Benign and malignant GI tumors, ulcers, inflammatory bowel disease, arteriovenous malformations, diverticulosis, and hematobilia (hemobilia) can all cause OB within the stool. Other more common abnormalities (e.g., hemorrhoids, swallowed blood from oral or nasopharyngeal bleeding) may also cause OB within the stool.

When OB testing is properly performed, a positive result obtained on multiple specimens collected on successive days warrants a thorough GI evaluation—usually EGD (see p. 608) and colonoscopy (see p. 591). Regular screening, beginning at age 50, can reduce the number of people who die from colorectal cancer by as much as 60%. There are several tests used for colorectal cancer screening (Table 9-1). Yet despite the availability of such screening tools, more than half of American adults have never undergone colorectal cancer screening.
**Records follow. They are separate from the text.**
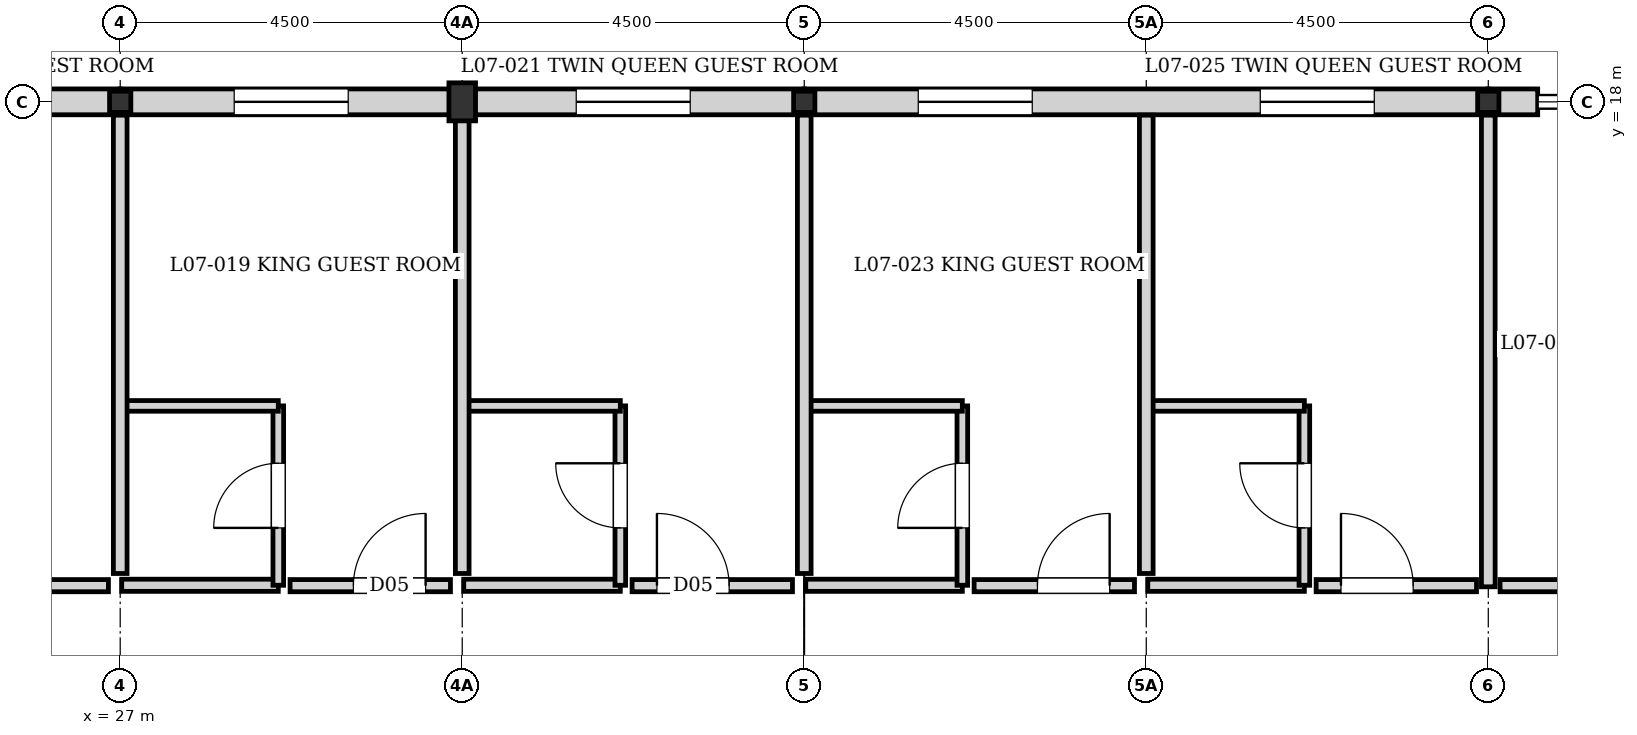
"""IFC4 building model, lengths in metres.
Left out: names, types, materials, properties, quantities, classifications, styles, units other than length and angle.
Written with IfcOpenShell. Run it as: python <this file> out.ifc"""

import sys

from ifc_helpers import new_model, si_unit, direction, frame, frame_2d, origin, origin_2d, place, context, subcontext, project, spatial, rectangle, i_section, extrude, element, fill, save


model = new_model("IFC4")
c1 = context("Model", 3, precision=1e-05, world=origin(), true_north=direction((0.0, 1.0)))
c2 = subcontext(c1, "Body", "Model", "MODEL_VIEW")
j1 = project(units=[si_unit("LENGTHUNIT", "METRE"), si_unit("PLANEANGLEUNIT", "RADIAN")], contexts=[c1])
p1 = place(None, origin())
s1 = spatial("IfcSite", under=j1, at=p1, CompositionType="ELEMENT")
p2 = place(p1, origin())
s2 = spatial("IfcBuilding", under=s1, at=p2, CompositionType="ELEMENT")
p3 = place(p2, frame((0.0, 0.0, 23.68)))
s3 = spatial("IfcBuildingStorey", under=s2, at=p3, CompositionType="ELEMENT", Elevation=23.68)
for number, where, z_axis, x_axis in (
    (1, (27.0, 18.0, 0.0), (0.0, 0.0, 1.0), (1.0, 0.0, 0.0)),
    (2, (36.0, 18.0, 0.0), (0.0, 0.0, 1.0), (1.0, 0.0, 0.0)),
    (3, (45.0, 18.0, 0.0), (0.0, 0.0, 1.0), (1.0, 0.0, 0.0)),
):
    element("IfcColumn", number, at=place(p3, frame(where, z_axis=z_axis, x_axis=x_axis)), inside=s3, PredefinedType="COLUMN", context=c2, shape_type="SweptSolid", body=[
        extrude(i_section(OverallWidth=0.28, OverallDepth=0.28, WebThickness=0.01, FlangeThickness=0.018, at=origin_2d()), origin(), (0.0, 0.0, 1.0), 3.2),
    ])
p4 = place(p3, frame((31.5, 18.0, 0.0), z_axis=(0.0, 0.0, 1.0), x_axis=(1.0, 0.0, 0.0)))
e4 = element("IfcColumn", 4, at=p4, inside=s3, PredefinedType="PILASTER", context=c2, shape_type="SweptSolid", body=[
    extrude(rectangle(XDim=0.35, YDim=0.5, at=origin_2d()), origin(), (0.0, 0.0, 1.0), 3.2),
])
p5 = place(p3, frame((18.0, 18.0, 0.0), z_axis=(0.0, 0.0, 1.0), x_axis=(1.0, 0.0, 0.0)))
e5 = element("IfcWall", 5, at=p5, inside=s3, PredefinedType="SOLIDWALL", context=c2, shape_type="SweptSolid", body=[
    extrude(rectangle(XDim=9.0, YDim=0.34, at=frame_2d((4.5, 0.0))), origin(), (0.0, 0.0, 1.0), 2.56),
])
p6 = place(p5, frame((1.5, 0.0, 0.35)))
e6 = element("IfcOpeningElement", 6, at=p6, cuts=e5, PredefinedType="OPENING", context=c2, shape_type="SweptSolid", body=[
    extrude(rectangle(XDim=1.5, YDim=1.8, at=frame_2d((0.75, 0.9))), frame((0.0, 0.18, 0.0), z_axis=(0.0, -1.0, 0.0), x_axis=(1.0, 0.0, 0.0)), (0.0, 0.0, 1.0), 0.36),
])
p7 = place(p5, frame((6.0, 0.0, 0.35)))
e7 = element("IfcOpeningElement", 7, at=p7, cuts=e5, PredefinedType="OPENING", context=c2, shape_type="SweptSolid", body=[
    extrude(rectangle(XDim=1.5, YDim=1.8, at=frame_2d((0.75, 0.9))), frame((0.0, 0.18, 0.0), z_axis=(0.0, -1.0, 0.0), x_axis=(1.0, 0.0, 0.0)), (0.0, 0.0, 1.0), 0.36),
])
p8 = place(p3, frame((27.0, 18.0, 0.0), z_axis=(0.0, 0.0, 1.0), x_axis=(1.0, 0.0, 0.0)))
e8 = element("IfcWall", 8, at=p8, inside=s3, PredefinedType="SOLIDWALL", context=c2, shape_type="SweptSolid", body=[
    extrude(rectangle(XDim=9.0, YDim=0.34, at=frame_2d((4.5, 0.0))), origin(), (0.0, 0.0, 1.0), 2.73),
])
p9 = place(p8, frame((1.5, 0.0, 0.35)))
e9 = element("IfcOpeningElement", 9, at=p9, cuts=e8, PredefinedType="OPENING", context=c2, shape_type="SweptSolid", body=[
    extrude(rectangle(XDim=1.5, YDim=1.8, at=frame_2d((0.75, 0.9))), frame((0.0, 0.18, 0.0), z_axis=(0.0, -1.0, 0.0), x_axis=(1.0, 0.0, 0.0)), (0.0, 0.0, 1.0), 0.36),
])
p10 = place(p8, frame((6.0, 0.0, 0.35)))
e10 = element("IfcOpeningElement", 10, at=p10, cuts=e8, PredefinedType="OPENING", context=c2, shape_type="SweptSolid", body=[
    extrude(rectangle(XDim=1.5, YDim=1.8, at=frame_2d((0.75, 0.9))), frame((0.0, 0.18, 0.0), z_axis=(0.0, -1.0, 0.0), x_axis=(1.0, 0.0, 0.0)), (0.0, 0.0, 1.0), 0.36),
])
p11 = place(p3, frame((36.0, 18.0, 0.0), z_axis=(0.0, 0.0, 1.0), x_axis=(1.0, 0.0, 0.0)))
e11 = element("IfcWall", 11, at=p11, inside=s3, PredefinedType="SOLIDWALL", context=c2, shape_type="SweptSolid", body=[
    extrude(rectangle(XDim=9.0, YDim=0.34, at=frame_2d((4.5, 0.0))), origin(), (0.0, 0.0, 1.0), 2.66),
])
p12 = place(p11, frame((1.5, 0.0, 0.35)))
e12 = element("IfcOpeningElement", 12, at=p12, cuts=e11, PredefinedType="OPENING", context=c2, shape_type="SweptSolid", body=[
    extrude(rectangle(XDim=1.5, YDim=1.8, at=frame_2d((0.75, 0.9))), frame((0.0, 0.18, 0.0), z_axis=(0.0, -1.0, 0.0), x_axis=(1.0, 0.0, 0.0)), (0.0, 0.0, 1.0), 0.36),
])
p13 = place(p11, frame((6.0, 0.0, 0.35)))
e13 = element("IfcOpeningElement", 13, at=p13, cuts=e11, PredefinedType="OPENING", context=c2, shape_type="SweptSolid", body=[
    extrude(rectangle(XDim=1.5, YDim=1.8, at=frame_2d((0.75, 0.9))), frame((0.0, 0.18, 0.0), z_axis=(0.0, -1.0, 0.0), x_axis=(1.0, 0.0, 0.0)), (0.0, 0.0, 1.0), 0.36),
])
p14 = place(p3, frame((45.0, 18.0, 0.0), z_axis=(0.0, 0.0, 1.0), x_axis=(1.0, 0.0, 0.0)))
e14 = element("IfcWall", 14, at=p14, inside=s3, PredefinedType="SOLIDWALL", context=c2, shape_type="SweptSolid", body=[
    extrude(rectangle(XDim=0.65, YDim=0.34, at=frame_2d((0.325, 0.0))), origin(), (0.0, 0.0, 1.0), 2.6),
])
p15 = place(p3, frame((27.02, 11.64, 0.0), z_axis=(0.0, 0.0, 1.0), x_axis=(1.0, 0.0, 0.0)))
e15 = element("IfcWall", 15, at=p15, inside=s3, PredefinedType="PARTITIONING", context=c2, shape_type="SweptSolid", body=[
    extrude(rectangle(XDim=2.06, YDim=0.16, at=frame_2d((1.03, 0.0))), origin(), (0.0, 0.0, 1.0), 2.96),
])
p16 = place(p3, frame((29.08, 11.64, 0.0), z_axis=(0.0, 0.0, 1.0), x_axis=(0.0, 1.0, 0.0)))
e16 = element("IfcWall", 16, at=p16, inside=s3, PredefinedType="PLUMBINGWALL", context=c2, shape_type="SweptSolid", body=[
    extrude(rectangle(XDim=2.36, YDim=0.14, at=frame_2d((1.18, 0.0))), origin(), (0.0, 0.0, 1.0), 2.96),
])
p17 = place(p16, frame((0.755, 0.0, 0.0)))
e17 = element("IfcOpeningElement", 17, at=p17, cuts=e16, PredefinedType="OPENING", context=c2, shape_type="SweptSolid", body=[
    extrude(rectangle(XDim=0.85, YDim=2.04, at=frame_2d((0.425, 1.02))), frame((0.0, 0.08, 0.0), z_axis=(0.0, -1.0, 0.0), x_axis=(1.0, 0.0, 0.0)), (0.0, 0.0, 1.0), 0.16),
])
p18 = place(p3, frame((27.02, 14.0, 0.0), z_axis=(0.0, 0.0, 1.0), x_axis=(1.0, 0.0, 0.0)))
e18 = element("IfcWall", 18, at=p18, inside=s3, PredefinedType="PLUMBINGWALL", context=c2, shape_type="SweptSolid", body=[
    extrude(rectangle(XDim=2.06, YDim=0.14, at=frame_2d((1.03, 0.0))), origin(), (0.0, 0.0, 1.0), 2.96),
])
p19 = place(p3, frame((31.52, 11.64, 0.0), z_axis=(0.0, 0.0, 1.0), x_axis=(1.0, 0.0, 0.0)))
e19 = element("IfcWall", 19, at=p19, inside=s3, PredefinedType="PARTITIONING", context=c2, shape_type="SweptSolid", body=[
    extrude(rectangle(XDim=2.06, YDim=0.16, at=frame_2d((1.03, 0.0))), origin(), (0.0, 0.0, 1.0), 2.96),
])
p20 = place(p3, frame((33.58, 11.64, 0.0), z_axis=(0.0, 0.0, 1.0), x_axis=(0.0, 1.0, 0.0)))
e20 = element("IfcWall", 20, at=p20, inside=s3, PredefinedType="PLUMBINGWALL", context=c2, shape_type="SweptSolid", body=[
    extrude(rectangle(XDim=2.36, YDim=0.14, at=frame_2d((1.18, 0.0))), origin(), (0.0, 0.0, 1.0), 2.96),
])
p21 = place(p20, frame((0.755, 0.0, 0.0)))
e21 = element("IfcOpeningElement", 21, at=p21, cuts=e20, PredefinedType="OPENING", context=c2, shape_type="SweptSolid", body=[
    extrude(rectangle(XDim=0.85, YDim=2.04, at=frame_2d((0.425, 1.02))), frame((0.0, 0.08, 0.0), z_axis=(0.0, -1.0, 0.0), x_axis=(1.0, 0.0, 0.0)), (0.0, 0.0, 1.0), 0.16),
])
p22 = place(p3, frame((31.52, 14.0, 0.0), z_axis=(0.0, 0.0, 1.0), x_axis=(1.0, 0.0, 0.0)))
e22 = element("IfcWall", 22, at=p22, inside=s3, PredefinedType="PLUMBINGWALL", context=c2, shape_type="SweptSolid", body=[
    extrude(rectangle(XDim=2.06, YDim=0.14, at=frame_2d((1.03, 0.0))), origin(), (0.0, 0.0, 1.0), 2.96),
])
p23 = place(p3, frame((36.02, 11.64, 0.0), z_axis=(0.0, 0.0, 1.0), x_axis=(1.0, 0.0, 0.0)))
e23 = element("IfcWall", 23, at=p23, inside=s3, PredefinedType="PARTITIONING", context=c2, shape_type="SweptSolid", body=[
    extrude(rectangle(XDim=2.06, YDim=0.16, at=frame_2d((1.03, 0.0))), origin(), (0.0, 0.0, 1.0), 2.96),
])
p24 = place(p3, frame((38.08, 11.64, 0.0), z_axis=(0.0, 0.0, 1.0), x_axis=(0.0, 1.0, 0.0)))
e24 = element("IfcWall", 24, at=p24, inside=s3, PredefinedType="PLUMBINGWALL", context=c2, shape_type="SweptSolid", body=[
    extrude(rectangle(XDim=2.36, YDim=0.14, at=frame_2d((1.18, 0.0))), origin(), (0.0, 0.0, 1.0), 2.96),
])
p25 = place(p24, frame((0.755, 0.0, 0.0)))
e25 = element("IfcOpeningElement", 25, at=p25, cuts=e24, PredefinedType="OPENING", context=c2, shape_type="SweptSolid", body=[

This fact highlights the need for more user friendly testing methods such as stool DNA testing. Several scientific organizations, including the U.S. Preventive Services Task Force (USPSTF) and other federal agencies, recommend regular screening for all adults aged 50 or older.

TABLE 9-1

Testing Options for Colorectal Cancer ^∗

Test	Frequency
Fecal occult blood test (FOBT, or FIT)	Every year
Flexible sigmoidoscopy	Every 5 years
Double-contrast barium enema	Every 5 years
Colonoscopy^†	Every 10 years
Virtual colonoscopy	Every 10 years

^∗(See Table 4-3, p. 593, colonoscopy, p. 591). People at higher risk of developing colorectal cancer should begin screening at a younger age, and may need to be tested more frequently.